Nina Rees, president of the National Alliance for Public Charter Schools, writes that children could be winners should the plaintiffs prevail, “…teachers may gain greater leverage in determining the policies that union leaders pursue. If that leads to policies that reward great teaching and put more of the best teachers in the classrooms that need them most, students will win.”

And there are union stalwarts who aren’t crying in their beer. Trade union activist Shamus Cooke asserts that unions need to step up their organizing game if they are to remain powerful. Samantha Winslow makes pretty much the same point in “Organizing Is the Key to Surviving Friedrichs.”

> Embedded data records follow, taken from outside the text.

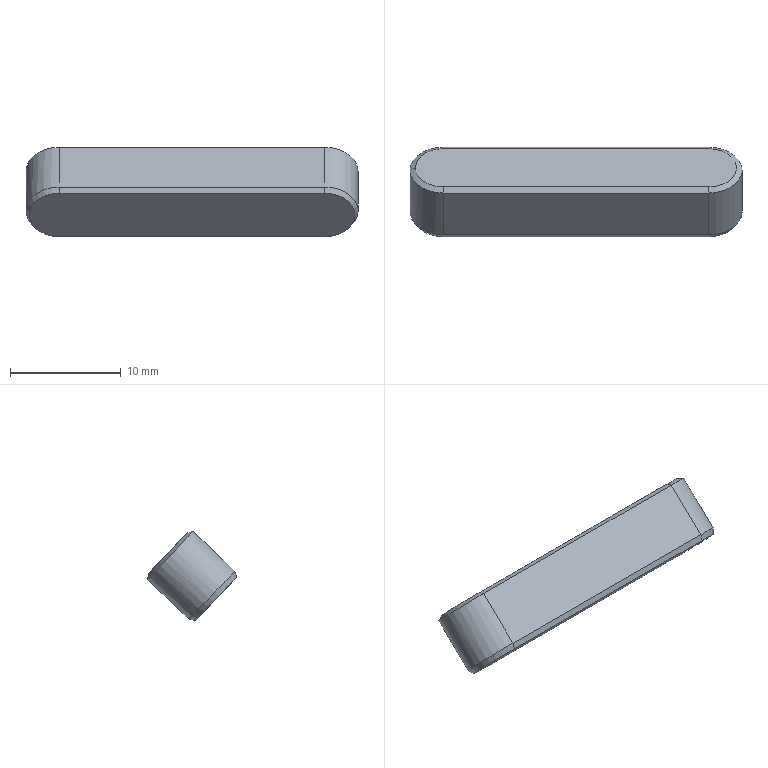Component | SolidWorks | Key6X6-36-1 | 1 solid | 17 faces | box 30 x 8.07 x 8.07 mm | volume 1024 mm3 | plane 8 | cone 6 | cylinder 3 | commonest cylinder face diameters 6 x3 | material Alternative Material
build123d program:
from build123d import *
from OCP.BRepFilletAPI import BRepFilletAPI_MakeChamfer

# Parameters (mm, degrees)
BOSS_EXTRUDE1_DEPTH = 6
CHAMFER1_SIZE       = 0.5
CHAMFER1_SIZE2      = 0.2887


with BuildPart() as part:
    # Sketch1 → Boss-Extrude1 (new body)
    with BuildSketch(Plane.XY):
        with BuildLine():
            Line((-12, 3), (12, 3))
            ThreePointArc((12, 3), (15, 0), (12, -3))
            Line((12, -3), (-12, -3))
            ThreePointArc((-12, -3), (-15, 0), (-12, 3))
        make_face()
    extrude(amount=BOSS_EXTRUDE1_DEPTH)

    # Chamfer1: one chamfer whose edges measure the first distance from different faces: ONE call of the kernel's chamfer builder (chamfer() names one face for all edges)
    chamfer1_edges_1 = [part.edges().sort_by_distance(p)[0] for p in [
        (15, 0, 6),
    ]]
    chamfer1_side_1 = [part.faces().sort_by_distance(p)[0] for p in [
        (15, 0, 3),
    ]]
    chamfer1_edges_2 = [part.edges().sort_by_distance(p)[0] for p in [
        (0, 3, 6),
    ]]
    chamfer1_side_2 = [part.faces().sort_by_distance(p)[0] for p in [
        (0, 3, 3),
    ]]
    chamfer1_edges_3 = [part.edges().sort_by_distance(p)[0] for p in [
        (-15, 0, 6),
    ]]
    chamfer1_side_3 = [part.faces().sort_by_distance(p)[0] for p in [
        (-15, 0, 3),
    ]]
    chamfer1_edges_4 = [part.edges().sort_by_distance(p)[0] for p in [
        (0, 3, 0),
        (15, 0, 0),
        (0, -3, 0),
        (-15, 0, 0),
    ]]
    chamfer1_side_4 = [part.faces().sort_by_distance(p)[0] for p in [
        (0, 0, 0),
    ]]
    chamfer1_edges_5 = [part.edges().sort_by_distance(p)[0] for p in [
        (0, -3, 6),
    ]]
    chamfer1_side_5 = [part.faces().sort_by_distance(p)[0] for p in [
        (0, -3, 3),
    ]]
    chamfer1 = BRepFilletAPI_MakeChamfer(part.part.solid().wrapped)
    for e in chamfer1_edges_1:
        chamfer1.Add(CHAMFER1_SIZE, CHAMFER1_SIZE2, e.wrapped, chamfer1_side_1[0].wrapped)  # the first distance lies on this face
    for e in chamfer1_edges_2:
        chamfer1.Add(CHAMFER1_SIZE, CHAMFER1_SIZE2, e.wrapped, chamfer1_side_2[0].wrapped)  # the first distance lies on this face
    for e in chamfer1_edges_3:
        chamfer1.Add(CHAMFER1_SIZE, CHAMFER1_SIZE2, e.wrapped, chamfer1_side_3[0].wrapped)  # the first distance lies on this face
    for e in chamfer1_edges_4:
        chamfer1.Add(CHAMFER1_SIZE, CHAMFER1_SIZE2, e.wrapped, chamfer1_side_4[0].wrapped)  # the first distance lies on this face
    for e in chamfer1_edges_5:
        chamfer1.Add(CHAMFER1_SIZE, CHAMFER1_SIZE2, e.wrapped, chamfer1_side_5[0].wrapped)  # the first distance lies on this face
    add(Compound.cast(chamfer1.Shape()), mode=Mode.REPLACE)


solid = part.part

# Placed as in the assembly
solid = solid.moved(Location((10.41, -37.957, -24.791), (133.57, 0, 180)))
STEP:
#1=CARTESIAN_POINT('',(0.989,-1.666,-1.139));
#2=VERTEX_POINT('',#1);
#3=CARTESIAN_POINT('',(0.8823,-1.739,-1.062));
#4=VERTEX_POINT('',#3);
#5=CARTESIAN_POINT('',(0.8823,-1.666,-1.139));
#6=DIRECTION('',(0.,-0.7245,-0.6892));
#7=DIRECTION('',(-1.,0.,-0.));
#8=AXIS2_PLACEMENT_3D('',#5,#6,#7);
#9=CIRCLE('',#8,0.1067);
#10=EDGE_CURVE('',#2,#4,#9,.T.);
#11=ORIENTED_EDGE('',*,*,#10,.F.);
#12=CARTESIAN_POINT('',(1.,-1.651,-1.125));
#13=VERTEX_POINT('',#12);
#14=CARTESIAN_POINT('',(0.989,-1.666,-1.139));
#15=DIRECTION('',(0.5,0.6275,0.5969));
#16=VECTOR('',#15,39.37);
#17=LINE('',#14,#16);
#18=EDGE_CURVE('',#2,#13,#17,.T.);
#19=ORIENTED_EDGE('',*,*,#18,.T.);
#20=CARTESIAN_POINT('',(0.8823,-1.733,-1.04));
#21=VERTEX_POINT('',#20);
#22=CARTESIAN_POINT('',(0.8823,-1.651,-1.125));
#23=DIRECTION('',(-0.,0.7245,0.6892));
#24=DIRECTION('',(-1.,0.,-0.));
#25=AXIS2_PLACEMENT_3D('',#22,#23,#24);
#26=CIRCLE('',#25,0.1181);
#27=EDGE_CURVE('',#21,#13,#26,.T.);
#28=ORIENTED_EDGE('',*,*,#27,.F.);
#29=CARTESIAN_POINT('',(0.8823,-1.733,-1.04));
#30=DIRECTION('',(0.,-0.2828,-0.9592));
#31=VECTOR('',#30,39.37);
#32=LINE('',#29,#31);
#33=EDGE_CURVE('',#21,#4,#32,.T.);
#34=ORIENTED_EDGE('',*,*,#33,.T.);
#35=EDGE_LOOP('',(#11,#19,#28,#34));
#36=FACE_OUTER_BOUND('',#35,.T.);
#37=CARTESIAN_POINT('',(0.8823,-1.666,-1.139));
#38=DIRECTION('',(-0.,0.7245,0.6892));
#39=DIRECTION('',(1.,-0.,0.));
#40=AXIS2_PLACEMENT_3D('',#37,#38,#39);
#41=CONICAL_SURFACE('',#40,0.1067,0.5236);
#42=ADVANCED_FACE('',(#36),#41,.T.);
#43=CARTESIAN_POINT('',(-0.161,-1.494,-0.976));
#44=VERTEX_POINT('',#43);
#45=CARTESIAN_POINT('',(-0.06261,-1.562,-0.9047));
#46=VERTEX_POINT('',#45);
#47=CARTESIAN_POINT('',(-0.06261,-1.494,-0.976));
#48=DIRECTION('',(-0.,0.7245,0.6892));
#49=DIRECTION('',(-1.,0.,0.));
#50=AXIS2_PLACEMENT_3D('',#47,#48,#49);
#51=CIRCLE('',#50,0.09843);
#52=EDGE_CURVE('',#44,#46,#51,.T.);
#53=ORIENTED_EDGE('',*,*,#52,.F.);
#54=CARTESIAN_POINT('',(-0.1807,-1.503,-0.9839));
#55=VERTEX_POINT('',#54);
#56=CARTESIAN_POINT('',(-0.1807,-1.503,-0.9839));
#57=DIRECTION('',(-0.866,-0.3623,-0.3446));
#58=VECTOR('',#57,39.37);
#59=LINE('',#56,#58);
#60=EDGE_CURVE('',#44,#55,#59,.T.);
#61=ORIENTED_EDGE('',*,*,#60,.T.);
#62=CARTESIAN_POINT('',(-0.06261,-1.584,-0.8983));
#63=VERTEX_POINT('',#62);
#64=CARTESIAN_POINT('',(-0.06261,-1.503,-0.9839));
#65=DIRECTION('',(0.,-0.7245,-0.6892));
#66=DIRECTION('',(-1.,0.,-0.));
#67=AXIS2_PLACEMENT_3D('',#64,#65,#66);
#68=CIRCLE('',#67,0.1181);
#69=EDGE_CURVE('',#63,#55,#68,.T.);
#70=ORIENTED_EDGE('',*,*,#69,.F.);
#71=CARTESIAN_POINT('',(-0.06261,-1.562,-0.9047));
#72=DIRECTION('',(-0.,-0.9592,0.2828));
#73=VECTOR('',#72,39.37);
#74=LINE('',#71,#73);
#75=EDGE_CURVE('',#46,#63,#74,.T.);
#76=ORIENTED_EDGE('',*,*,#75,.F.);
#77=EDGE_LOOP('',(#53,#61,#70,#76));
#78=FACE_OUTER_BOUND('',#77,.T.);
#79=CARTESIAN_POINT('',(-0.06261,-1.503,-0.9839));
#80=DIRECTION('',(0.,-0.7245,-0.6892));
#81=DIRECTION('',(-1.,0.,-0.));
#82=AXIS2_PLACEMENT_3D('',#79,#80,#81);
#83=CONICAL_SURFACE('',#82,0.1181,1.047);
#84=ADVANCED_FACE('',(#78),#83,.T.);
#85=ORIENTED_EDGE('',*,*,#27,.T.);
#86=CARTESIAN_POINT('',(1.,-1.503,-0.9839));
#87=VERTEX_POINT('',#86);
#88=CARTESIAN_POINT('',(1.,-1.666,-1.139));
#89=DIRECTION('',(-0.,0.7245,0.6892));
#90=VECTOR('',#89,39.37);
#91=LINE('',#88,#90);
#92=EDGE_CURVE('',#13,#87,#91,.T.);
#93=ORIENTED_EDGE('',*,*,#92,.T.);
#94=CARTESIAN_POINT('',(0.8823,-1.584,-0.8983));
#95=VERTEX_POINT('',#94);
#96=CARTESIAN_POINT('',(0.8823,-1.503,-0.9839));
#97=DIRECTION('',(0.,-0.7245,-0.6892));
#98=DIRECTION('',(-1.,0.,-0.));
#99=AXIS2_PLACEMENT_3D('',#96,#97,#98);
#100=CIRCLE('',#99,0.1181);
#101=EDGE_CURVE('',#87,#95,#100,.T.);
#102=ORIENTED_EDGE('',*,*,#101,.T.);
#103=CARTESIAN_POINT('',(0.8823,-1.747,-1.053));
#104=DIRECTION('',(-0.,0.7245,0.6892));
#105=VECTOR('',#104,39.37);
#106=LINE('',#103,#105);
#107=EDGE_CURVE('',#21,#95,#106,.T.);
#108=ORIENTED_EDGE('',*,*,#107,.F.);
#109=EDGE_LOOP('',(#85,#93,#102,#108));
#110=FACE_OUTER_BOUND('',#109,.T.);
#111=CARTESIAN_POINT('',(0.8823,-1.666,-1.139));
#112=DIRECTION('',(-0.,0.7245,0.6892));
#113=DIRECTION('',(1.,-0.,0.));
#114=AXIS2_PLACEMENT_3D('',#111,#112,#113);
#115=CYLINDRICAL_SURFACE('',#114,0.1181);
#116=ADVANCED_FACE('',(#110),#115,.T.);
#117=ORIENTED_EDGE('',*,*,#92,.F.);
#118=CARTESIAN_POINT('',(0.8823,-1.57,-1.211));
#119=VERTEX_POINT('',#118);
#120=CARTESIAN_POINT('',(0.8823,-1.651,-1.125));
#121=DIRECTION('',(-0.,0.7245,0.6892));
#122=DIRECTION('',(-1.,0.,-0.));
#123=AXIS2_PLACEMENT_3D('',#120,#121,#122);
#124=CIRCLE('',#123,0.1181);
#125=EDGE_CURVE('',#13,#119,#124,.T.);
#126=ORIENTED_EDGE('',*,*,#125,.T.);
#127=CARTESIAN_POINT('',(0.8823,-1.421,-1.069));
#128=VERTEX_POINT('',#127);
#129=CARTESIAN_POINT('',(0.8823,-1.584,-1.224));
#130=DIRECTION('',(-0.,0.7245,0.6892));
#131=VECTOR('',#130,39.37);
#132=LINE('',#129,#131);
#133=EDGE_CURVE('',#119,#128,#132,.T.);
#134=ORIENTED_EDGE('',*,*,#133,.T.);
#135=CARTESIAN_POINT('',(0.8823,-1.503,-0.9839));
#136=DIRECTION('',(0.,-0.7245,-0.6892));
#137=DIRECTION('',(-1.,0.,-0.));
#138=AXIS2_PLACEMENT_3D('',#135,#136,#137);
#139=CIRCLE('',#138,0.1181);
#140=EDGE_CURVE('',#128,#87,#139,.T.);
#141=ORIENTED_EDGE('',*,*,#140,.T.);
#142=EDGE_LOOP('',(#117,#126,#134,#141));
#143=FACE_OUTER_BOUND('',#142,.T.);
#144=CARTESIAN_POINT('',(0.8823,-1.666,-1.139));
#145=DIRECTION('',(-0.,0.7245,0.6892));
#146=DIRECTION('',(1.,-0.,0.));
#147=AXIS2_PLACEMENT_3D('',#144,#145,#146);
#148=CYLINDRICAL_SURFACE('',#147,0.1181);
#149=ADVANCED_FACE('',(#143),#148,.T.);
#150=ORIENTED_EDGE('',*,*,#107,.T.);
#151=CARTESIAN_POINT('',(0.8823,-1.584,-0.8983));
#152=DIRECTION('',(-1.,0.,-0.));
#153=VECTOR('',#152,39.37);
#154=LINE('',#151,#153);
#155=EDGE_CURVE('',#95,#63,#154,.T.);
#156=ORIENTED_EDGE('',*,*,#155,.T.);
#157=CARTESIAN_POINT('',(-0.06261,-1.733,-1.04));
#158=VERTEX_POINT('',#157);
#159=CARTESIAN_POINT('',(-0.06261,-1.747,-1.053));
#160=DIRECTION('',(-0.,0.7245,0.6892));
#161=VECTOR('',#160,39.37);
#162=LINE('',#159,#161);
#163=EDGE_CURVE('',#158,#63,#162,.T.);
#164=ORIENTED_EDGE('',*,*,#163,.F.);
#165=CARTESIAN_POINT('',(0.8823,-1.733,-1.04));
#166=DIRECTION('',(1.,-0.,0.));
#167=VECTOR('',#166,39.37);
#168=LINE('',#165,#167);
#169=EDGE_CURVE('',#158,#21,#168,.T.);
#170=ORIENTED_EDGE('',*,*,#169,.T.);
#171=EDGE_LOOP('',(#150,#156,#164,#170));
#172=FACE_OUTER_BOUND('',#171,.T.);
#173=CARTESIAN_POINT('',(0.8823,-1.747,-1.053));
#174=DIRECTION('',(0.,0.6892,-0.7245));
#175=DIRECTION('',(1.,-0.,0.));
#176=AXIS2_PLACEMENT_3D('',#173,#174,#175);
#177=PLANE('',#176);
#178=ADVANCED_FACE('',(#172),#177,.F.);
#179=ORIENTED_EDGE('',*,*,#163,.T.);
#180=ORIENTED_EDGE('',*,*,#69,.T.);
#181=CARTESIAN_POINT('',(-0.06261,-1.421,-1.069));
#182=VERTEX_POINT('',#181);
#183=CARTESIAN_POINT('',(-0.06261,-1.503,-0.9839));
#184=DIRECTION('',(0.,-0.7245,-0.6892));
#185=DIRECTION('',(-1.,0.,-0.));
#186=AXIS2_PLACEMENT_3D('',#183,#184,#185);
#187=CIRCLE('',#186,0.1181);
#188=EDGE_CURVE('',#55,#182,#187,.T.);
#189=ORIENTED_EDGE('',*,*,#188,.T.);
#190=CARTESIAN_POINT('',(-0.06261,-1.57,-1.211));
#191=VERTEX_POINT('',#190);
#192=CARTESIAN_POINT('',(-0.06261,-1.584,-1.224));
#193=DIRECTION('',(-0.,0.7245,0.6892));
#194=VECTOR('',#193,39.37);
#195=LINE('',#192,#194);
#196=EDGE_CURVE('',#191,#182,#195,.T.);
#197=ORIENTED_EDGE('',*,*,#196,.F.);
#198=CARTESIAN_POINT('',(-0.06261,-1.651,-1.125));
#199=DIRECTION('',(-0.,0.7245,0.6892));
#200=DIRECTION('',(-1.,0.,-0.));
#201=AXIS2_PLACEMENT_3D('',#198,#199,#200);
#202=CIRCLE('',#201,0.1181);
#203=EDGE_CURVE('',#191,#158,#202,.T.);
#204=ORIENTED_EDGE('',*,*,#203,.T.);
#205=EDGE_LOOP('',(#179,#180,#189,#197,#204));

If Friedrichs is successful, who will be the big loser?

Democrats and the left.

There is no doubt that union warchests will take a hit if all teachers aren’t forced to fill them. While no one knows how many teachers will refuse membership, I think a conservative guess would be that one-third will choose to avoid ties to the union. If so, the California Teachers Association’s $180 million a year gravy train would be sliced down to $120 million. As you can see here (H/T Colin Sharkey), CTA gives 96.7 percent of that gravy to Democrats. And what doesn’t go specifically to Democrats goes to leftist causes. On a national level, National Education Association and American Federation of Teachers’ spending just about all goes in a leftward direction.

Final word

The Abood decision, which claimed it would ensure “labor peace,” did so at the cost of freedom of association for millions of teachers across America over a 39-year period. “Labor peace” has also come at great expense to parents, children and taxpayers who have suffered as the unions coffers were used in part to kill education reform, keep kids in failing schools and raise taxes. Hopefully, the judges will soon rid our lives of Abood and if they do, trading bad policy for “labor peace” will become a sad relic of another time.

Larry Sand, a former classroom teacher, is the president of the non-profit California Teachers Empowerment Network – a non-partisan, non-political group dedicated to providing teachers and the general public with reliable and balanced information about professional affiliations and positions on educational issues. The views presented here are strictly his own.